Japanese people in Turkey

Total population
- 1,430 (2010); 1,765 (2025);

Regions with significant populations
- Istanbul · Ankara

Languages
- Turkish · Japanese

Related ethnic groups
- Japanese diaspora

= Japanese people in Turkey =

Ethnic group in the Republic of Turkey

There is a medium-sized population of Japanese people in Turkey, comprising mostly recent expatriates from Japan and their descendants born in Turkey. As of September 2010, their numbers were recorded at 1,430 by the Japanese Ministry of Foreign Affairs. Most Japanese living in Turkey are based in Ankara and Istanbul.

There was a very small population of Japanese in the country prior to 1945 when Turkey declared war on Germany and Japan during World War II; following the conflict and the severing of Turkey's trade and diplomatic relations with Japan, most had left. A Japanese travel agent and information office had closed down its presence and all its personnel had left. There were also no Japanese businessmen left in Turkey. Only people with diplomatic and consular status remained, numbering about fifteen. They were interned at a consulate building in Ayaspaşa, Istanbul. Some people who resided in the neighbourhood at that time remember that the interned Japanese nationals were sometimes permitted to go to Yıldız Park for a walk.

==Istanbul==

As of 2011 about 900 Japanese persons resided in Istanbul; 768 were officially registered with the Japanese Consulate of Istanbul as of October 2010. Of those living in Istanbul, about 450-500 are employees of Japanese companies and their family members, making up around half of the total Japanese population. Others include students of Turkish language and culture, business owners, and Japanese married to Turks.
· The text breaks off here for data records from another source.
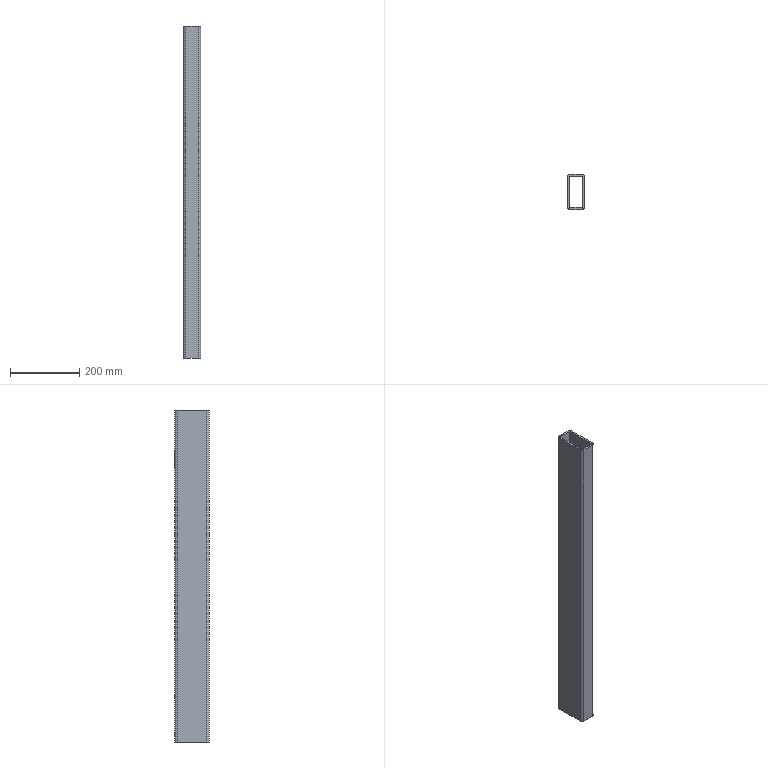Component | SolidWorks | JHK-A1004LeftRectangularTubeBeam-1 | 1 solid | 42 faces | box 50 x 100 x 960 mm | volume 1271921 mm3 | cylinder 24 | plane 18 | commonest cylinder face diameters 5 x8 15 x4 20 x4 10 x4 6.8 x2 30 x2 | material Q235A
build123d program:
from build123d import *

# Parameters (mm, degrees)
EXTRUDE_THIN1_DEPTH   = 480
CUT_EXTRUDE1_REACH    = 487.18
SKETCH2_R             = 15
CUT_EXTRUDE2_REACH    = 487.18
CUT_EXTRUDE4_REACH    = 492.943
M6_TAPPED_HOLE1_D     = 5
M6_TAPPED_HOLE1_DEPTH = 5
M8_TAPPED_HOLE1_D     = 6.8
M8_TAPPED_HOLE1_DEPTH = 5


with BuildPart() as part:
    # Sketch1 → Extrude-Thin1 (new, symmetric)
    with BuildSketch(Plane.XY):
        with BuildLine():
            Line((17.5, 50), (-17.5, 50))
            ThreePointArc((-17.5, 50), (-22.803, 47.803), (-25, 42.5))
            Line((-25, 42.5), (-25, -42.5))
            ThreePointArc((-25, -42.5), (-22.803, -47.803), (-17.5, -50))
            Line((-17.5, -50), (17.5, -50))
            ThreePointArc((17.5, -50), (22.803, -47.803), (25, -42.5))
            Line((25, -42.5), (25, 42.5))
            ThreePointArc((25, 42.5), (22.803, 47.803), (17.5, 50))
        make_face()
        with BuildLine():
            Line((17.5, 45), (-17.5, 45))
            ThreePointArc((-17.5, 45), (-19.268, 44.268), (-20, 42.5))
            Line((-20, 42.5), (-20, -42.5))
            ThreePointArc((-20, -42.5), (-19.268, -44.268), (-17.5, -45))
            Line((-17.5, -45), (17.5, -45))
            ThreePointArc((17.5, -45), (19.268, -44.268), (20, -42.5))
            Line((20, -42.5), (20, 42.5))
            ThreePointArc((20, 42.5), (19.268, 44.268), (17.5, 45))
        make_face(mode=Mode.SUBTRACT)
    extrude(amount=EXTRUDE_THIN1_DEPTH, both=True)

    # Sketch2 → Cut-Extrude1 (cut, up to next)
    with BuildSketch(Plane.ZY.offset(-25), mode=Mode.PRIVATE) as cut_extrude1_sk1:
        with Locations((-430, 0)):
            Circle(SKETCH2_R)
    cut_extrude1_tool1 = extrude(cut_extrude1_sk1.sketch, amount=CUT_EXTRUDE1_REACH, mode=Mode.PRIVATE) & part.part
    add(cut_extrude1_tool1.solids().sort_by_distance((25, 0, -430))[0], mode=Mode.SUBTRACT)

    # Sketch5 → Cut-Extrude2 (cut, up to next)
    with BuildSketch(Plane(origin=(25, 0, 0), x_dir=(0, 0, -1), z_dir=(1, 0, 0)), mode=Mode.PRIVATE) as cut_extrude2_sk1:
        with BuildLine():
            Line((200, -25), (270, -25))
            ThreePointArc((270, -25), (277.071, -22.071), (280, -15))
            Line((280, -15), (280, 15))
            ThreePointArc((280, 15), (277.071, 22.071), (270, 25))
            Line((270, 25), (200, 25))
            ThreePointArc((200, 25), (192.929, 22.071), (190, 15))
            Line((190, 15), (190, -15))
            ThreePointArc((190, -15), (192.929, -22.071), (200, -25))
        make_face()
    cut_extrude2_tool1 = extrude(cut_extrude2_sk1.sketch, amount=-CUT_EXTRUDE2_REACH, mode=Mode.PRIVATE) & part.part
    add(cut_extrude2_tool1.solids().sort_by_distance((25, 0, -235))[0], mode=Mode.SUBTRACT)

    # Sketch7 → Cut-Extrude4 (cut, up to next)
    with BuildSketch(Plane(origin=(0, 50, 0), x_dir=(1, 0, 0), z_dir=(0, 1, 0)), mode=Mode.PRIVATE) as cut_extrude4_sk1:
        with BuildLine():
            Line((-5, -360), (5, -360))
            ThreePointArc((5, -360), (8.536, -358.536), (10, -355))
            Line((10, -355), (10, -315))
            ThreePointArc((10, -315), (8.536, -311.464), (5, -310))
            Line((5, -310), (-5, -310))
            ThreePointArc((-5, -310), (-8.536, -311.464), (-10, -315))
            Line((-10, -315), (-10, -355))
            ThreePointArc((-10, -355), (-8.536, -358.536), (-5, -360))
        make_face()
    cut_extrude4_tool1 = extrude(cut_extrude4_sk1.sketch, amount=-CUT_EXTRUDE4_REACH, mode=Mode.PRIVATE) & part.part
    add(cut_extrude4_tool1.solids().sort_by_distance((0, 50, 335))[0], mode=Mode.SUBTRACT)

    # M6 Tapped Hole1
    with Locations(Plane(origin=(0, 50, 0), x_dir=(1, 0, 0), z_dir=(0, 1, 0))):
        with Locations((0, 457.5), (0, 347.5)):
            Hole(M6_TAPPED_HOLE1_D / 2, depth=M6_TAPPED_HOLE1_DEPTH)

    # M8 Tapped Hole1
    with Locations(Plane(origin=(0, 50, 0), x_dir=(1, 0, 0), z_dir=(0, 1, 0))):
        with Locations((0, -50)):
            Hole(M8_TAPPED_HOLE1_D / 2, depth=M8_TAPPED_HOLE1_DEPTH)


solid = part.part

# Placed as in the assembly
solid = solid.moved(Location((-155, -105, -761), (0, 0, 0)))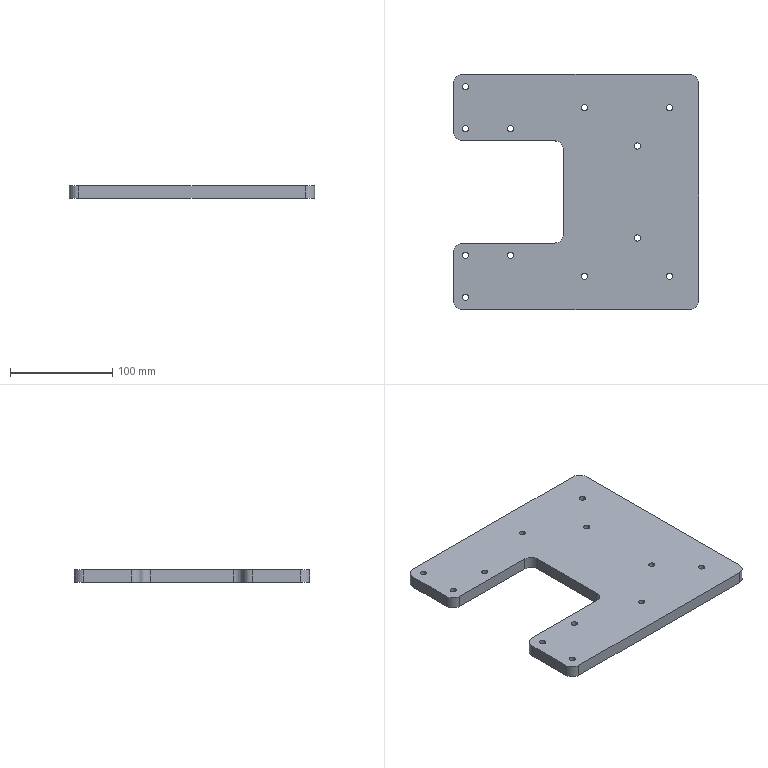Component | NX | BASE_PLATE_1 | 1 solid | 30 faces | volume 527894 mm3 | cylinder 20 | plane 10 | commonest cylinder face diameters 6 x12 18 x8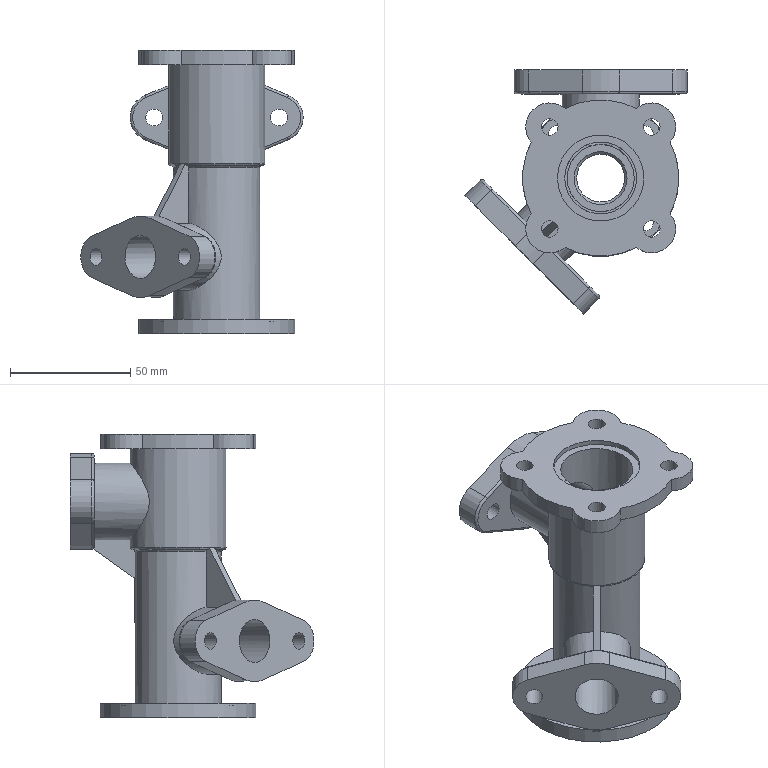Component | NX | LOWER_VALVE_BODY | 1 solid | 102 faces | volume 130238 mm3 | cylinder 56 | plane 34 | torus 11 | cone 1 | commonest cylinder face diameters 7 x12 2 x8 20 x7 65 x5 13 x4 12.5 x4 40 x3 18 x3

Istanbul has several Japanese restaurants, a Japanese newspaper, and a 32-page Japanese magazine.

According to the Istanbul Japanese School, circa 2019 there were about 2,000 Japanese citizens in the Istanbul area, with about 100 of them being children of the ages in which, in Japan, they would be legally required to attend school. At the same period there were about 110 Japanese companies in operation in the city.

==Education==
The Istanbul Japanese School is a Japanese international school.

Istanbul also has a weekend Japanese education programme, The Japanese Saturday School in Istanbul.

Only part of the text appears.